Pantauan di lapangan, terdapat puluhan wali murid mengantri untuk menyerahkan berkas perdaftaran ke panitia. Mereka pun rela menunggu sejak pagi hari demi dapat nomor antrian pendaftaran peserta didik baru.

Menurut informasi yang didapat pembukaan pendaftaraan dibuka pada 08.00 hingga 12.00 siang hari.

“Sudah mengantri dari jam 07.00, dan sudah dapat nomor antrian ke 79 mudah-mudahan masih bisa di input ke data, besoknya juga mau ke SMPN 11 karena satu zonasi,” kata Imelda, Warga Buliang.

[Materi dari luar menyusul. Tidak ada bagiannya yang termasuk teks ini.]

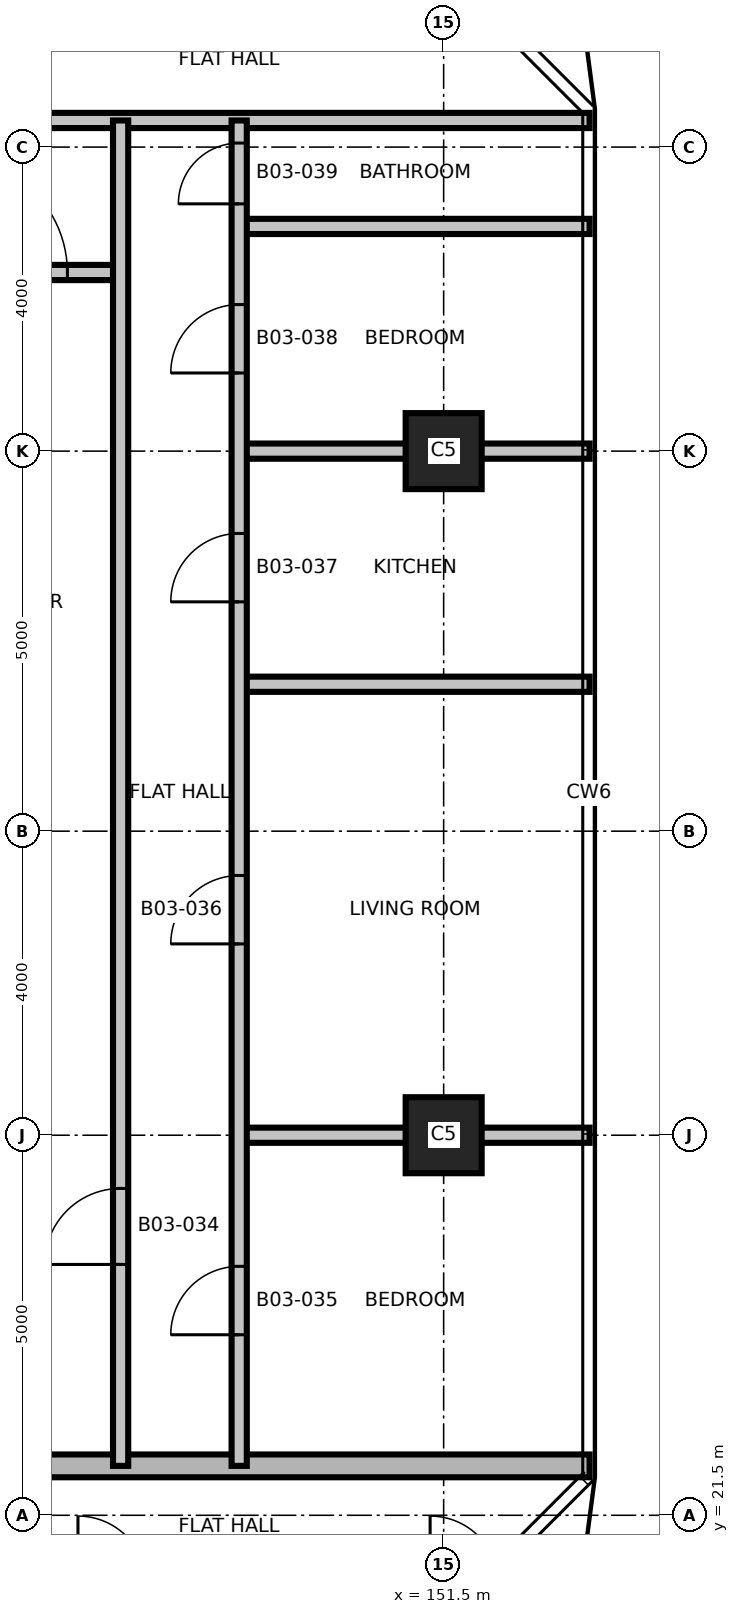
"""IFC4 building model, lengths in metres.
Left out: names, types, materials, properties, quantities, classifications, styles, units other than length and angle.
Written with IfcOpenShell. Run it as: python <this file> out.ifc"""

import sys

from ifc_helpers import new_model, si_unit, direction, frame, frame_2d, origin, origin_2d, place, context, subcontext, project, spatial, rectangle, extrude, element, fill, save


model = new_model("IFC4")
c1 = context("Model", 3, precision=1e-05, world=origin(), true_north=direction((0.0, 1.0)))
c2 = subcontext(c1, "Body", "Model", "MODEL_VIEW")
j1 = project(units=[si_unit("LENGTHUNIT", "METRE"), si_unit("PLANEANGLEUNIT", "RADIAN")], contexts=[c1])
p1 = place(None, origin())
s1 = spatial("IfcSite", under=j1, at=p1, CompositionType="ELEMENT")
p2 = place(p1, origin())
s2 = spatial("IfcBuilding", under=s1, at=p2, CompositionType="ELEMENT")
p3 = place(p2, frame((0.0, 0.0, 55.7)))
s3 = spatial("IfcBuildingStorey", under=s2, at=p3, CompositionType="ELEMENT", Elevation=55.7)
for number, where, z_axis, x_axis in (
    (1, (151.5, 26.5, 0.0), (0.0, 0.0, 1.0), (1.0, 0.0, 0.0)),
    (2, (151.5, 35.5, 0.0), (0.0, 0.0, 1.0), (1.0, 0.0, 0.0)),
):
    element("IfcColumn", number, at=place(p3, frame(where, z_axis=z_axis, x_axis=x_axis)), inside=s3, PredefinedType="COLUMN", context=c2, shape_type="SweptSolid", body=[
        extrude(rectangle(XDim=1.0, YDim=1.0, at=origin_2d()), origin(), (0.0, 0.0, 1.0), 3.7),
    ])
p4 = place(p3, frame((119.58, 22.15, 0.0), z_axis=(0.0, 0.0, 1.0), x_axis=(1.0, 0.0, 0.0)))
e3 = element("IfcWall", 3, at=p4, inside=s3, PredefinedType="SHEAR", context=c2, shape_type="SweptSolid", body=[
    extrude(rectangle(XDim=33.84, YDim=0.3, at=frame_2d((16.92, 0.0))), origin(), (0.0, 0.0, 1.0), 3.4),
])
p5 = place(p4, frame((23.17, 0.0, 0.0)))
e4 = element("IfcOpeningElement", 4, at=p5, cuts=e3, PredefinedType="OPENING", context=c2, shape_type="SweptSolid", body=[
    extrude(rectangle(XDim=1.0, YDim=2.1, at=frame_2d((0.5, 1.05))), frame((0.0, 0.16, 0.0), z_axis=(0.0, -1.0, 0.0), x_axis=(1.0, 0.0, 0.0)), (0.0, 0.0, 1.0), 0.32),
])
p6 = place(p4, frame((11.52, 0.0, 0.0)))
e5 = element("IfcOpeningElement", 5, at=p6, cuts=e3, PredefinedType="OPENING", context=c2, shape_type="SweptSolid", body=[
    extrude(rectangle(XDim=1.0, YDim=2.1, at=frame_2d((0.5, 1.05))), frame((0.0, 0.16, 0.0), z_axis=(0.0, -1.0, 0.0), x_axis=(1.0, 0.0, 0.0)), (0.0, 0.0, 1.0), 0.32),
])
p7 = place(p4, frame((25.07, 0.0, 0.0)))
e6 = element("IfcOpeningElement", 6, at=p7, cuts=e3, PredefinedType="OPENING", context=c2, shape_type="SweptSolid", body=[
    extrude(rectangle(XDim=1.0, YDim=2.1, at=frame_2d((0.5, 1.05))), frame((0.0, 0.16, 0.0), z_axis=(0.0, -1.0, 0.0), x_axis=(1.0, 0.0, 0.0)), (0.0, 0.0, 1.0), 0.32),
])
p8 = place(p4, frame((17.17, 0.0, 0.0)))
e7 = element("IfcOpeningElement", 7, at=p8, cuts=e3, PredefinedType="OPENING", context=c2, shape_type="SweptSolid", body=[
    extrude(rectangle(XDim=0.9, YDim=2.1, at=frame_2d((0.45, 1.05))), frame((0.0, 0.16, 0.0), z_axis=(0.0, -1.0, 0.0), x_axis=(1.0, 0.0, 0.0)), (0.0, 0.0, 1.0), 0.32),
])
for number, where, z_axis, x_axis in (
    (8, (148.81, 26.5, 0.0), (0.0, 0.0, 1.0), (1.0, 0.0, 0.0)),
    (9, (148.81, 32.433, 0.0), (0.0, 0.0, 1.0), (1.0, 0.0, 0.0)),
    (10, (148.81, 35.5, 0.0), (0.0, 0.0, 1.0), (1.0, 0.0, 0.0)),
):
    element("IfcWall", number, at=place(p3, frame(where, z_axis=z_axis, x_axis=x_axis)), inside=s3, PredefinedType="PARTITIONING", context=c2, shape_type="SweptSolid", body=[
        extrude(rectangle(XDim=4.61, YDim=0.2, at=frame_2d((2.305, 0.0))), origin(), (0.0, 0.0, 1.0), 3.4),
    ])
p9 = place(p3, frame((144.02, 37.85, 0.0), z_axis=(0.0, 0.0, 1.0), x_axis=(1.0, 0.0, 0.0)))
e11 = element("IfcWall", 11, at=p9, inside=s3, PredefinedType="PARTITIONING", context=c2, shape_type="SweptSolid", body=[
    extrude(rectangle(XDim=3.23, YDim=0.2, at=frame_2d((1.615, 0.0))), origin(), (0.0, 0.0, 1.0), 3.4),
])
p10 = place(p9, frame((1.03, 0.0, 0.0)))
e12 = element("IfcOpeningElement", 12, at=p10, cuts=e11, PredefinedType="OPENING", context=c2, shape_type="SweptSolid", body=[
    extrude(rectangle(XDim=1.5, YDim=2.1, at=frame_2d((0.75, 1.05))), frame((0.0, 0.11, 0.0), z_axis=(0.0, -1.0, 0.0), x_axis=(1.0, 0.0, 0.0)), (0.0, 0.0, 1.0), 0.22),
])
p11 = place(p3, frame((148.81, 38.456, 0.0), z_axis=(0.0, 0.0, 1.0), x_axis=(1.0, 0.0, 0.0)))
e13 = element("IfcWall", 13, at=p11, inside=s3, PredefinedType="PARTITIONING", context=c2, shape_type="SweptSolid", body=[
    extrude(rectangle(XDim=4.61, YDim=0.2, at=frame_2d((2.305, 0.0))), origin(), (0.0, 0.0, 1.0), 3.4),
])
p12 = place(p3, frame((119.58, 39.85, 0.0), z_axis=(0.0, 0.0, 1.0), x_axis=(1.0, 0.0, 0.0)))
e14 = element("IfcWall", 14, at=p12, inside=s3, PredefinedType="PARTITIONING", context=c2, shape_type="SweptSolid", body=[
    extrude(rectangle(XDim=33.84, YDim=0.2, at=frame_2d((16.92, 0.0))), origin(), (0.0, 0.0, 1.0), 3.4),
])
p13 = place(p12, frame((15.27, 0.0, 0.0)))
e15 = element("IfcOpeningElement", 15, at=p13, cuts=e14, PredefinedType="OPENING", context=c2, shape_type="SweptSolid", body=[
    extrude(rectangle(XDim=1.0, YDim=2.1, at=frame_2d((0.5, 1.05))), frame((0.0, 0.11, 0.0), z_axis=(0.0, -1.0, 0.0), x_axis=(1.0, 0.0, 0.0)), (0.0, 0.0, 1.0), 0.22),
])
p14 = place(p12, frame((25.07, 0.0, 0.0)))
e16 = element("IfcOpeningElement", 16, at=p14, cuts=e14, PredefinedType="OPENING", context=c2, shape_type="SweptSolid", body=[
    extrude(rectangle(XDim=1.0, YDim=2.1, at=frame_2d((0.5, 1.05))), frame((0.0, 0.11, 0.0), z_axis=(0.0, -1.0, 0.0), x_axis=(1.0, 0.0, 0.0)), (0.0, 0.0, 1.0), 0.22),
])
p15 = place(p3, frame((147.25, 22.15, 0.0), z_axis=(0.0, 0.0, 1.0), x_axis=(0.0, 1.0, 0.0)))
e17 = element("IfcWall", 17, at=p15, inside=s3, PredefinedType="PARTITIONING", context=c2, shape_type="SweptSolid", body=[
    extrude(rectangle(XDim=17.7, YDim=0.2, at=frame_2d((8.85, 0.0))), origin(), (0.0, 0.0, 1.0), 3.4),
])
p16 = place(p15, frame((2.65, 0.0, 0.0)))
e18 = element("IfcOpeningElement", 18, at=p16, cuts=e17, PredefinedType="OPENING", context=c2, shape_type="SweptSolid", body=[
    extrude(rectangle(XDim=1.0, YDim=2.1, at=frame_2d((0.5, 1.05))), frame((0.0, 0.11, 0.0), z_axis=(0.0, -1.0, 0.0), x_axis=(1.0, 0.0, 0.0)), (0.0, 0.0, 1.0), 0.22),
])
p17 = place(p3, frame((148.81, 22.15, 0.0), z_axis=(0.0, 0.0, 1.0), x_axis=(0.0, 1.0, 0.0)))
e19 = element("IfcWall", 19, at=p17, inside=s3, PredefinedType="PARTITIONING", context=c2, shape_type="SweptSolid", body=[
    extrude(rectangle(XDim=17.7, YDim=0.2, at=frame_2d((8.85, 0.0))), origin(), (0.0, 0.0, 1.0), 3.4),
])
p18 = place(p17, frame((1.725, 0.0, 0.0)))
e20 = element("IfcOpeningElement", 20, at=p18, cuts=e19, PredefinedType="OPENING", context=c2, shape_type="SweptSolid", body=[
    extrude(rectangle(XDim=0.9, YDim=2.1, at=frame_2d((0.45, 1.05))), frame((0.0, 0.11, 0.0), z_axis=(0.0, -1.0, 0.0), x_axis=(1.0, 0.0, 0.0)), (0.0, 0.0, 1.0), 0.22),
])
p19 = place(p17, frame((6.867, 0.0, 0.0)))
e21 = element("IfcOpeningElement", 21, at=p19, cuts=e19, PredefinedType="OPENING", context=c2, shape_type="SweptSolid", body=[
    extrude(rectangle(XDim=0.9, YDim=2.1, at=frame_2d((0.45, 1.05))), frame((0.0, 0.11, 0.0), z_axis=(0.0, -1.0, 0.0), x_axis=(1.0, 0.0, 0.0)), (0.0, 0.0, 1.0), 0.22),
])
p20 = place(p17, frame((11.367, 0.0, 0.0)))
e22 = element("IfcOpeningElement", 22, at=p20, cuts=e19, PredefinedType="OPENING", context=c2, shape_type="SweptSolid", body=[
    extrude(rectangle(XDim=0.9, YDim=2.1, at=frame_2d((0.45, 1.05))), frame((0.0, 0.11, 0.0), z_axis=(0.0, -1.0, 0.0), x_axis=(1.0, 0.0, 0.0)), (0.0, 0.0, 1.0), 0.22),
])
p21 = place(p17, frame((14.378, 0.0, 0.0)))
e23 = element("IfcOpeningElement", 23, at=p21, cuts=e19, PredefinedType="OPENING", context=c2, shape_type="SweptSolid", body=[
    extrude(rectangle(XDim=0.9, YDim=2.1, at=frame_2d((0.45, 1.05))), frame((0.0, 0.11, 0.0), z_axis=(0.0, -1.0, 0.0), x_axis=(1.0, 0.0, 0.0)), (0.0, 0.0, 1.0), 0.22),
])
p22 = place(p17, frame((16.603, 0.0, 0.0)))
e24 = element("IfcOpeningElement", 24, at=p22, cuts=e19, PredefinedType="OPENING", context=c2, shape_type="SweptSolid", body=[
    extrude(rectangle(XDim=0.8, YDim=2.1, at=frame_2d((0.4, 1.05))), frame((0.0, 0.11, 0.0), z_axis=(0.0, -1.0, 0.0), x_axis=(1.0, 0.0, 0.0)), (0.0, 0.0, 1.0), 0.22),
])
p23 = place(p10, origin())
e25 = element("IfcDoor", 25, at=p23, inside=s3, OperationType="SINGLE_SWING_LEFT", PredefinedType="DOOR", context=c2, shape_type="SweptSolid", body=[
    extrude(rectangle(XDim=1.5, YDim=2.1, at=frame_2d((0.75, 1.05))), frame((0.0, 0.025, 0.0), z_axis=(0.0, -1.0, 0.0), x_axis=(1.0, 0.0, 0.0)), (0.0, 0.0, 1.0), 0.05),
])
fill(e12, e25)
p24 = place(p16, origin())
e26 = element("IfcDoor", 26, at=p24, inside=s3, OperationType="SINGLE_SWING_RIGHT", PredefinedType="DOOR", context=c2, shape_type="SweptSolid", body=[
    extrude(rectangle(XDim=1.0, YDim=2.1, at=frame_2d((0.5, 1.05))), frame((0.0, 0.025, 0.0), z_axis=(0.0, -1.0, 0.0), x_axis=(1.0, 0.0, 0.0)), (0.0, 0.0, 1.0), 0.05),
])
fill(e18, e26)
p25 = place(p18, origin())
e27 = element("IfcDoor", 27, at=p25, inside=s3, OperationType="SINGLE_SWING_LEFT", PredefinedType="DOOR", context=c2, shape_type="SweptSolid", body=[
    extrude(rectangle(XDim=0.9, YDim=2.1, at=frame_2d((0.45, 1.05))), frame((0.0, 0.025, 0.0), z_axis=(0.0, -1.0, 0.0), x_axis=(1.0, 0.0, 0.0)), (0.0, 0.0, 1.0), 0.05),
])
fill(e20, e27)
p26 = place(p19, origin())
e28 = element("IfcDoor", 28, at=p26, inside=s3, OperationType="SINGLE_SWING_RIGHT", PredefinedType="DOOR", context=c2, shape_type="SweptSolid", body=[
    extrude(rectangle(XDim=0.9, YDim=2.1, at=frame_2d((0.45, 1.05))), frame((0.0, 0.025, 0.0), z_axis=(0.0, -1.0, 0.0), x_axis=(1.0, 0.0, 0.0)), (0.0, 0.0, 1.0), 0.05),
])
fill(e21, e28)
p27 = place(p20, origin())
e29 = element("IfcDoor", 29, at=p27, inside=s3, OperationType="SINGLE_SWING_LEFT", PredefinedType="DOOR", context=c2, shape_type="SweptSolid", body=[
    extrude(rectangle(XDim=0.9, YDim=2.1, at=frame_2d((0.45, 1.05))), frame((0.0, 0.025, 0.0), z_axis=(0.0, -1.0, 0.0), x_axis=(1.0, 0.0, 0.0)), (0.0, 0.0, 1.0), 0.05),
])
fill(e22, e29)
p28 = place(p21, origin())
e30 = element("IfcDoor", 30, at=p28, inside=s3, OperationType="SINGLE_SWING_RIGHT", PredefinedType="DOOR", context=c2, shape_type="SweptSolid", body=[
    extrude(rectangle(XDim=0.9, YDim=2.1, at=frame_2d((0.45, 1.05))), frame((0.0, 0.025, 0.0), z_axis=(0.0, -1.0, 0.0), x_axis=(1.0, 0.0, 0.0)), (0.0, 0.0, 1.0), 0.05),
])
fill(e23, e30)
p29 = place(p22, origin())
e31 = element("IfcDoor", 31, at=p29, inside=s3, OperationType="SINGLE_SWING_LEFT", PredefinedType="DOOR", context=c2, shape_type="SweptSolid", body=[
    extrude(rectangle(XDim=0.8, YDim=2.1, at=frame_2d((0.4, 1.05))), frame((0.0, 0.025, 0.0), z_axis=(0.0, -1.0, 0.0), x_axis=(1.0, 0.0, 0.0)), (0.0, 0.0, 1.0), 0.05),
])
fill(e24, e31)
save(model, sys.argv[1])

Sementara itu, Ketua Panitia PPDB SMPN 26, Susilawaty mengatakan untuk hari pertama ini membuka nomor pendaftaran hingga 700-an dan menjelang siang ini masih tersisa.

Pada hari pertama ini juga terlihat antusias orang tua siswa yang ingin mendaftar anaknya sebelum jam kerja sesuai juknis yang di buka dari jam 08.00 pagi sampai 12.00 siang.

“Pelayanan jam kerja sesuai dengan juknis lalu peserta mengisi formulir dan penginputan data per hari dibatasi hanya 40 peserta saja,” ungkapnya, Selasa (14/5).

Dengan menggunakan applikasi google maps sangat membantu dalam menyortir alamat rumah dari peserta PPDB.

Saat ini, SMPN 26 melayani dua kelurahan yakni Buliang dan Bukit Tempayan.

Sebab lokasi SMPN 26 satu zonasi dengan SMPN 11 maka pendaftar ditentukan melalui jarak alamat rumah siswa pendaftar dengan SMPN 11 dengan jarak rumah SMPN 26 .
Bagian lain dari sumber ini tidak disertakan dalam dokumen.